It is hard to think of a more bizarre consequence of quantitative easing (QE) than negative yielding high-yield bonds.
Indeed, it seems that the capital markets have entered their own Bizarro World, the comic book realm where everything is the opposite of what it should be.
Zero or negative yielding high-quality bonds have been a feature of the bond market for years.
Worldwide, $7 trillion of government bonds yield negative interest rates. In late June, the surreal prospect of the two-year debt of Italy – a country with a debt-to-GDP ratio of 132% and rising – turning negative became a reality.
Some €4.4 trillion, or half, of European government bonds offer a negative yield, as does 20% of European investment-grade debt outstanding.
But for high-yield issuers such as Altice, the French cable conglomerate with $50 billion of debt outstanding, to be offering negative yields on bonds issued by holding company Altice Luxembourg SA just defies all logic.
Investors are flooding the rest of the bond markets with liquidity and squeezing out any yield as a consequence
In May, the issuer had to pay 10.5% to raise $1.6 billion via an eight-year deal, while at the same time having to offer an 8% yield to raise €1.4 billion euro-denominated bonds of the same maturity.
However, in June, when European Central Bank president Mario Draghi stated that cutting interest rates, or even restarting QE, was back on the agenda, the impact was baffling. Around 14 European high-yield issuers have subsequently been trading at negative yields, including Altice and market stalwarts Ardagh Packaging, Smurfit Kappa and Nokia.
Actually, how we got here is no mystery.
At the time of writing, the yield on 10-year German government bonds is 0.34% and the 10-year US treasury offers 2.096%, having dipped below 2% in late June for the first time since 2016.
Investors are, therefore, flooding the rest of the bond markets with liquidity and squeezing out any yield as a consequence.
According to Bank of America Merrill Lynch (BAML), inflows into Europe investment-grade credit funds in the six weeks to mid-July averaged almost $5 billion a week, which analysts describe as “way in excess of anything we have ever seen before and far above the weekly run rate that transpired post 2016’s CSPP launch”.
By July, $12.8 trillion securities worldwide were offering a negative yield, including roughly 2% of the euro high-yield universe.
“We estimate that this number would rise to 10% upon a further 35-basis-point decline in high-yield yields,” claim the BAML analysts. The effective yield on the ICE BAML Euro High Yield Index has fallen from 4.89% on January 4 to 2.89% today.
What is the impact of this?
Primary markets price off secondary levels, so could we see more issuers pricing new deals at negative levels? Only very high-quality corporate issuers such as French pharmaceuticals giant Sanofi have managed to pull this off, but maybe more will do so in future.
If corporates can borrow so cheaply, they don’t have to worry too much about what they are going to do with the money.
Some would argue that is a good thing as it will encourage them to invest. Anyone who still believes this after witnessing the last 10 years of refinancing, dividend recaps and share buybacks is really living in a comic book reality: they are far more likely to do this than invest in growth.

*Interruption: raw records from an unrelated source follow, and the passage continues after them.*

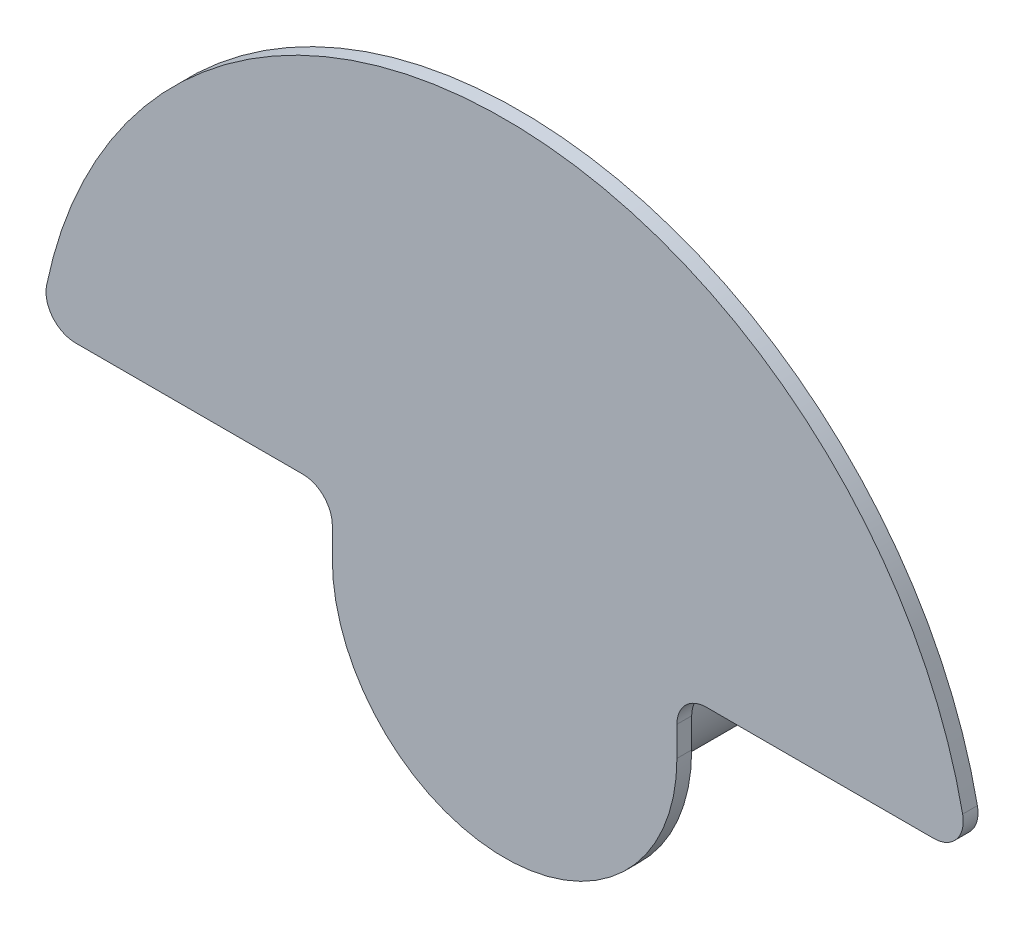
SolidWorks part; units mm, degrees
material "1023 碳钢板 (SS)"
ref_plane "前视基准面" through (0, 0, 0) normal (0, 0, 1) x (1, 0, 0)
ref_plane "上视基准面" through (0, 0, 0) normal (0, 1, 0) x (1, 0, 0)
ref_plane "右视基准面" through (0, 0, 0) normal (1, 0, 0) x (0, 0, -1)
ref_plane "基准面4" through (0, 0, 0.75) normal (0, 0, 1) x (1, 0, 0)
sketch "草图1" plane through (0, 0, 0.75) normal (0, 0, 1) x (1, 0, 0)
  line L0 (17.5, 6) -> (47.1195, 6)
  line L1 (-47.1195, 6) -> (-17.5, 6)
  line L2 (-17.5, 6) -> (-17.5, 0)
  line L3 (17.5, 0) -> (17.5, 6)
  arc A0 (47.1195, 6) -> (-47.1195, 6) centre (0, 0) ccw
  arc A1 (-17.5, 0) -> (17.5, 0) centre (0, 0) ccw
extrude "凸台-拉伸1" add sketch "草图1" against normal blind 1.5
sketch "草图2" plane through (0, 0, 0) normal (0, 1, 0) x (1, 0, 0)
  line L0 (12.5, 14.25) -> (0, 14.25)
  line L1 (0, 14.25) -> (0, 0.75)
  line L2 (0, 0.75) -> (12.5, 0.75)
  line L3 (12.5, 0.75) -> (12.5, 14.25)
  line L4 (0, 14.25) -> (0, 0.75) construction
revolve "旋转1" add sketch "草图2" angle 360 about L4
hole_wizard "Ø12.0 (12) 直径孔1" positions "草图4" profile "草图3" hole size "Ø12.0" standard "ANSI Metric"
sketch "草图4" plane through (0, 0, -14.25) normal (0, 0, -1) x (-1, 0, 0)
  point P0 (0, 0)
sketch "草图3" plane through (0, 0, -14.25) normal (1, 0, 0) x (0, 1, 0)
  line L0 (0, 0) -> (0, 13.5)
  line L1 (0, 13.5) -> (6, 13.5)
  line L2 (6, 13.5) -> (6, 0)
  line L5 (6, 0) -> (0, 0)
  line L10 (0, 13.5) -> (-6, 13.5) construction
  line L11 (0, -6.35) -> (0, 107.95) construction
  dimension "孔直径" = 12
  dimension "孔深度" = 13.5
  dimension "导头角度" = 180
ref_plane "基准面5" through (0, -5.7687, 0) normal (0, 1, 0) x (1, 0, 0)
hole_wizard "Ø3.3 (3.3) 直径孔1" positions "草图6" profile "草图5" hole size "Ø3.3" standard "ANSI Metric"
sketch "草图6" plane through (0, -5.7687, 0) normal (0, 1, 0) x (1, 0, 0)
  point P0 (0, 9.25)
sketch "草图5" plane through (0, -5.7687, -9.25) normal (1, 0, 0) x (0, 0, 1)
  line L0 (0, 0) -> (0, 11.7313)
  line L1 (0, 11.7313) -> (1.65, 11.7313)
  line L2 (1.65, 11.7313) -> (1.65, 0)
  line L5 (1.65, 0) -> (0, 0)
  line L11 (0, -6.35) -> (0, 107.95) construction
  dimension "通孔孔直径" = 3.3
  dimension "通孔孔深度" = 11.7313
ref_plane "基准面6" through (0, 5.7687, 0) normal (0, -1, 0) x (-1, 0, 0)
hole_wizard "Ø3.3 (3.3) 直径孔2" positions "草图8" profile "草图7" hole size "Ø3.3" standard "ANSI Metric"
sketch "草图8" plane through (0, 5.7687, 0) normal (0, -1, 0) x (-1, 0, 0)
  point P0 (0, 9.25)
sketch "草图7" plane through (0, 5.7687, -9.25) normal (1, 0, 0) x (0, 0, -1)
  line L0 (0, 0) -> (0, 41.7313)
  line L1 (0, 41.7313) -> (1.65, 41.7313)
  line L2 (1.65, 41.7313) -> (1.65, 0)
  line L5 (1.65, 0) -> (0, 0)
  line L11 (0, -6.35) -> (0, 107.95) construction
  dimension "通孔孔直径" = 3.3
  dimension "通孔孔深度" = 41.7313
fillet "圆角1" radius 3 4 edges at (-17.5, 6, 0) (-47.1195, 6, 0) (47.1195, 6, 0) (17.5, 6, 0)

The question remains, however: will negative yields encourage malinvestment in very low return projects?
Banks can now fund business lines such as commercial and residential mortgage lending very cheaply.
On June 26, German lender Landesbank Hessen-Thüringen Girozentrale (Helaba) sold the first negative yielding covered bond since a Berlin Hyp issue in 2017. The five-year mortgage pfandbriefe, due July 2024, carried a 0% coupon and a reoffer yield of minus 22.7bp. This comes as just 15% of the stock of outstanding pfandbriefe currently trades with a positive yield.
Cheap funding might encourage banks to do more real estate and mortgage lending. That doesn’t always end so well.
Why do investors buy negative yielding bonds, which – if held to maturity – are guaranteed to make a loss?
They certainly don’t want to. And, for this reason, issuers might be tempted to issue longer-dated deals just to be able to offer buyers a positive yield. This may hit volumes of short-dated new issues.
In the secondary markets it is a question of relative performance as opposed to absolute performance: even negative yields are attractive if they are better than sitting on cash and investors have mandates to fulfil.
But there could be greater volatility as buyers – who are effectively paying cash flow instead of receiving interest – will try to get out of these positions as quickly as they can.
So many bonds are now held in passive strategies that the impact on the exchange-traded fund (ETF) sector could be another area to watch.
ETF funds that track particular indices have to invest in those indices. Funds that track European government bond indices have to invest in European government bonds, half of which, as we have seen, have negative yields.
The yield of these ETFs suffers as a result. Investors in high-yield ETFs probably weren’t expecting this to become their problem, but – bizarrely – it looks like it will.